Sharing/access Information
Repository of data and R script are available in this link https://github.com/legessealamerie/DD-Stephensi and https://github.com/EPPIcenter/mad4hatter.
Methods
Data collection: Data on the socio-demographic, epidemiological, intervention, and travel history were collected verbally using pre-tested questionnaires which were uploaded to mobile tablets using REDCap tools. The entomological survey data and intervention availability were scored by the study data collectors. Malaria case incidence data (from January 2019 to May 2022) were collected from the records of both private and public health facilities (n=34).

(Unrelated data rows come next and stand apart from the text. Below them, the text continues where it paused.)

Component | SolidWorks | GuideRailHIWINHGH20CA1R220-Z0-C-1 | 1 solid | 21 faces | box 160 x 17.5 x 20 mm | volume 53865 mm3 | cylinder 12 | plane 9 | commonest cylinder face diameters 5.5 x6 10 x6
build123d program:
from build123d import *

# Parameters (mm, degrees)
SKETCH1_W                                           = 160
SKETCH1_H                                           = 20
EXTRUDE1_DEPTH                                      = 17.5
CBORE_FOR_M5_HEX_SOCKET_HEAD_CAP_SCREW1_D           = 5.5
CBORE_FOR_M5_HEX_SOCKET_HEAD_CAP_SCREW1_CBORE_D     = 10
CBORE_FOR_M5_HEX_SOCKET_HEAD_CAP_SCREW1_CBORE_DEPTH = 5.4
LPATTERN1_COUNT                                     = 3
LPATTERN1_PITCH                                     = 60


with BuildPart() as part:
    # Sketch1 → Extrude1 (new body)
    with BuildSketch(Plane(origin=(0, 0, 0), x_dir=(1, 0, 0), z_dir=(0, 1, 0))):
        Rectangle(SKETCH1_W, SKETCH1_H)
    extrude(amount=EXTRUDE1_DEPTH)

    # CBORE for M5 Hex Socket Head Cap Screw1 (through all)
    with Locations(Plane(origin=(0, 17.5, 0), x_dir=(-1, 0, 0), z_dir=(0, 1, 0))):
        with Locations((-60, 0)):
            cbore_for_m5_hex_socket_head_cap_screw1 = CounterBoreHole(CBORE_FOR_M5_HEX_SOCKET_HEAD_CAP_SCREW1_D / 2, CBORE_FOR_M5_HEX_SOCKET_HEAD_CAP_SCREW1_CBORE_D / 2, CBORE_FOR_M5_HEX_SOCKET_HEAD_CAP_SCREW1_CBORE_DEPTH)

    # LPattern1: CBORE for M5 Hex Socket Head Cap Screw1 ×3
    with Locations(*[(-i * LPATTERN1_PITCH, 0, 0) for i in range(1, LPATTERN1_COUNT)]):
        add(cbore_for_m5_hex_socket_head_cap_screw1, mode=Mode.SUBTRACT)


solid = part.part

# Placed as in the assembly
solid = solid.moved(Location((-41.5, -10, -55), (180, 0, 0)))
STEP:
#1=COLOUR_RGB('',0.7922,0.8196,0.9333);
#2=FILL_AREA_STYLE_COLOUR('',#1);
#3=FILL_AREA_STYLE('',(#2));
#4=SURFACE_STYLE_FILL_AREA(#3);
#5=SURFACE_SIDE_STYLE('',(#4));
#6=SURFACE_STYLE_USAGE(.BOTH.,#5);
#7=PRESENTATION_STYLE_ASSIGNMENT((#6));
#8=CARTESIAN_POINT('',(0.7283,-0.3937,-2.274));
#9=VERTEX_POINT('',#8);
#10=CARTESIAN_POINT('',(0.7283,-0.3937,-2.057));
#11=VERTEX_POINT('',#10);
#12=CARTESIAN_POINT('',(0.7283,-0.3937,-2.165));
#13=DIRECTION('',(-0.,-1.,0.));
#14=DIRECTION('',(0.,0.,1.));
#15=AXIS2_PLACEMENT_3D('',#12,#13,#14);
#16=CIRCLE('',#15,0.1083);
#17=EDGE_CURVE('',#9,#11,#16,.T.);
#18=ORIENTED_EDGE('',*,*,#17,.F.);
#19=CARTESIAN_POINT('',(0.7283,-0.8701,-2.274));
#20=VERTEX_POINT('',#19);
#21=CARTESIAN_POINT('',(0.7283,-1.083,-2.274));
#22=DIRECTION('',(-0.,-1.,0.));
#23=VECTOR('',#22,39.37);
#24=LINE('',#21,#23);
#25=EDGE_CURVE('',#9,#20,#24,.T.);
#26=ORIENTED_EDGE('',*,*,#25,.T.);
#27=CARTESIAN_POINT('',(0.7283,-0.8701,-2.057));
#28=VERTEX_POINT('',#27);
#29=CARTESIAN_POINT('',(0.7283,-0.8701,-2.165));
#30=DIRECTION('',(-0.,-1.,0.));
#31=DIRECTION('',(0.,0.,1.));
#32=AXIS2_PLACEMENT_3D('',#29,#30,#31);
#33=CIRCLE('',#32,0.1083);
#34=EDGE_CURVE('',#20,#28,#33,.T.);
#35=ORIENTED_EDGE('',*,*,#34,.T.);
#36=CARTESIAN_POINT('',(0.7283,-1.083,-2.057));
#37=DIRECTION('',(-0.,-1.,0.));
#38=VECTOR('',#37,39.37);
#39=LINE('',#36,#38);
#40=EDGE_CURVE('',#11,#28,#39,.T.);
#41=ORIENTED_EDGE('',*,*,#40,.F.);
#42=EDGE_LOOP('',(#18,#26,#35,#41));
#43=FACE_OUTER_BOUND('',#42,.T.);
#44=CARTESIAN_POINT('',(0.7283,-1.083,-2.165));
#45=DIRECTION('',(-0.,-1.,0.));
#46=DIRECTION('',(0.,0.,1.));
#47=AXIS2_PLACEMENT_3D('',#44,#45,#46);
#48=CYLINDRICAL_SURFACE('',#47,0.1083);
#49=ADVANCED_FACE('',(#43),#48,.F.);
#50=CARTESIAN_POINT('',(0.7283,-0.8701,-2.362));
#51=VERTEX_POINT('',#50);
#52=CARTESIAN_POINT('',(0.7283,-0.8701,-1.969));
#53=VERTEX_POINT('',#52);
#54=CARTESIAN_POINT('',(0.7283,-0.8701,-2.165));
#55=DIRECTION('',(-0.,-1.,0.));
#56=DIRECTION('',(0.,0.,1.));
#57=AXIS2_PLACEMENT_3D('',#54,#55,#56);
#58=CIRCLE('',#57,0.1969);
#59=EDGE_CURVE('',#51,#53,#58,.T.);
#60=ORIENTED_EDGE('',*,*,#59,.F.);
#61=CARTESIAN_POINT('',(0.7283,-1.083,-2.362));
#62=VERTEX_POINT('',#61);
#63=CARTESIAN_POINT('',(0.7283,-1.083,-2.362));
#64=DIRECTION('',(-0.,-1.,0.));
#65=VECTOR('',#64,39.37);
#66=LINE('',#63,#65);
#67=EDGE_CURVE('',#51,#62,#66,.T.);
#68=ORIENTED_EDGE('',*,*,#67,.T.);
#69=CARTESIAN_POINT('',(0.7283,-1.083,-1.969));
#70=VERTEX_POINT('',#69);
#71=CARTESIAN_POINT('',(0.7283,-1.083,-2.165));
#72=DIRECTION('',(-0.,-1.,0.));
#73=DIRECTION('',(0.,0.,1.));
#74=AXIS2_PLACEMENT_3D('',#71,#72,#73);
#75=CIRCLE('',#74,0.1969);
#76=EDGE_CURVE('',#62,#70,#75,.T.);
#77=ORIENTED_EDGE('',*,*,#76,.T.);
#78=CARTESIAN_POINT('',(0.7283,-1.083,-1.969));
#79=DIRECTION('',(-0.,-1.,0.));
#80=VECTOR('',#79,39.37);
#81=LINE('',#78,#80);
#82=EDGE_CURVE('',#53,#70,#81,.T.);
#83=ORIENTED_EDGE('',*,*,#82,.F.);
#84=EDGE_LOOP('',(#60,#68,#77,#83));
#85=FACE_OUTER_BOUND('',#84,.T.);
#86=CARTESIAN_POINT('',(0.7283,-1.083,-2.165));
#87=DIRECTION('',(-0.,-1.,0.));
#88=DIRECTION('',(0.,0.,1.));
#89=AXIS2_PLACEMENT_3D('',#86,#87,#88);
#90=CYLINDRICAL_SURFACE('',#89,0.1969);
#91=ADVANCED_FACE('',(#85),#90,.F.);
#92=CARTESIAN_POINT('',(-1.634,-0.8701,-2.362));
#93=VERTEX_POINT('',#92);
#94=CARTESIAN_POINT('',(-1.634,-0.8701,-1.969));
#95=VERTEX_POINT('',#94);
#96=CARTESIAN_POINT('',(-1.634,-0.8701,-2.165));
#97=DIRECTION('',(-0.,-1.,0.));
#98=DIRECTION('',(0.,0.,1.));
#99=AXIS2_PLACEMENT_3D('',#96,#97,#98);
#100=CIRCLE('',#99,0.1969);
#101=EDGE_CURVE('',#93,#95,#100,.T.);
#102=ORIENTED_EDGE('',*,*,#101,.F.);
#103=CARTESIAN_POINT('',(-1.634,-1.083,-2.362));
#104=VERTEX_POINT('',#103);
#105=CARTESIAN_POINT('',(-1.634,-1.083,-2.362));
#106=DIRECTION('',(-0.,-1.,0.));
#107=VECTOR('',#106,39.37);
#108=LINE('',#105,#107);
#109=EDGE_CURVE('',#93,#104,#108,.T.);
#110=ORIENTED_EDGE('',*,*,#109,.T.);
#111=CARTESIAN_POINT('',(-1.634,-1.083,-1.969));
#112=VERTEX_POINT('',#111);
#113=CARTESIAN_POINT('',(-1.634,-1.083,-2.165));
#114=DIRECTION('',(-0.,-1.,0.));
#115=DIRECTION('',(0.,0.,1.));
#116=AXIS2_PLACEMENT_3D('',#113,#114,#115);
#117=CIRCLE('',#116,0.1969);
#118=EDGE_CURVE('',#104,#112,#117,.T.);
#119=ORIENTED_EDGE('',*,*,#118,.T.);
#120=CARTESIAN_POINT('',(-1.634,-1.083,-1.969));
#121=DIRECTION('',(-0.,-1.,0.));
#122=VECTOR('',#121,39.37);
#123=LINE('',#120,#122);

Data processing: Data collection tools (mobile application version 5.20.11) were prepared and managed using REDCap electronic data capture tools hosted at AHRI. CSV files exported from REDCap were analyzed using STATA 17 (StataCorp., TX, USA), RStudio v.2022.12.0.353 (Posit, 2023), QGIS v.3.22.16 (QGIS Development Team, 2023. QGIS Geographic Information System. Open Source Geospatial Foundation Project), and GraphPad Prism 5.03 (Graph Pad Software Inc., CA, USA). All statistical analyses were performed in RStudio with packages lme4 (generalized linear mixed models) and dcifer.
Bioinformatic analysis: FASTQ files from multiplexed amplicon sequencing of P. falciparum were subjected to filtering, demultiplexing and allele inference using a Nextflow-based pipeline (https://github.com/EPPIcenter/mad4hatter). We used cut adapt to demultiplex reads for each locus based on the locus primer sequences (no mismatches or indels allowed), filter reads by length (100 base pairs) and quality (default NextSeq quality trimming). We used dada2 to infer variants and remove chimeras. Reads with a PHRED quality score of less than 5 were truncated. The leftmost base was trimmed and trimmed reads of less than 75 base pairs were filtered out. Default values were used for all other parameters. We then aligned alleles to their reference sequence and filtered out reads with low alignment. We masked homopolymers and tandem repeats to avoid false positives.
Epidemiological analysis: We used standard Case-Control analyses to examine the association between risk factors and malaria infection. It calculates point estimates and confidence intervals for the OR along with the significance level based on the chi squared test. Continuous variables were presented as median and interquartile range (IQR). Tests of association between two categorical variables were performed using contingency tables. Mann-Kendall statistical test was used to test for monotonic (increasing or decreasing) trends of malaria cases using the secondary data obtained from the private and public health facilities at the city and DDU.
Usage notes
CSV files exported from REDCap were analyzed using STATA 17 (StataCorp., TX, USA), RStudio v.2022.12.0.353, QGIS v.3.22.16 (QGIS Development Team, 2023. QGIS Geographic Information System. Open Source Geospatial Foundation Project), and GraphPad Prism 5.03 (Graph Pad Software Inc., CA, USA). All statistical analyses were performed in Rsoftware (4.12) with packages lme4 (generalized linear mixed models) and dcifer. Amplicon sequencing data was processed using cutadapt (v4.1) and DADA2 (v3.16).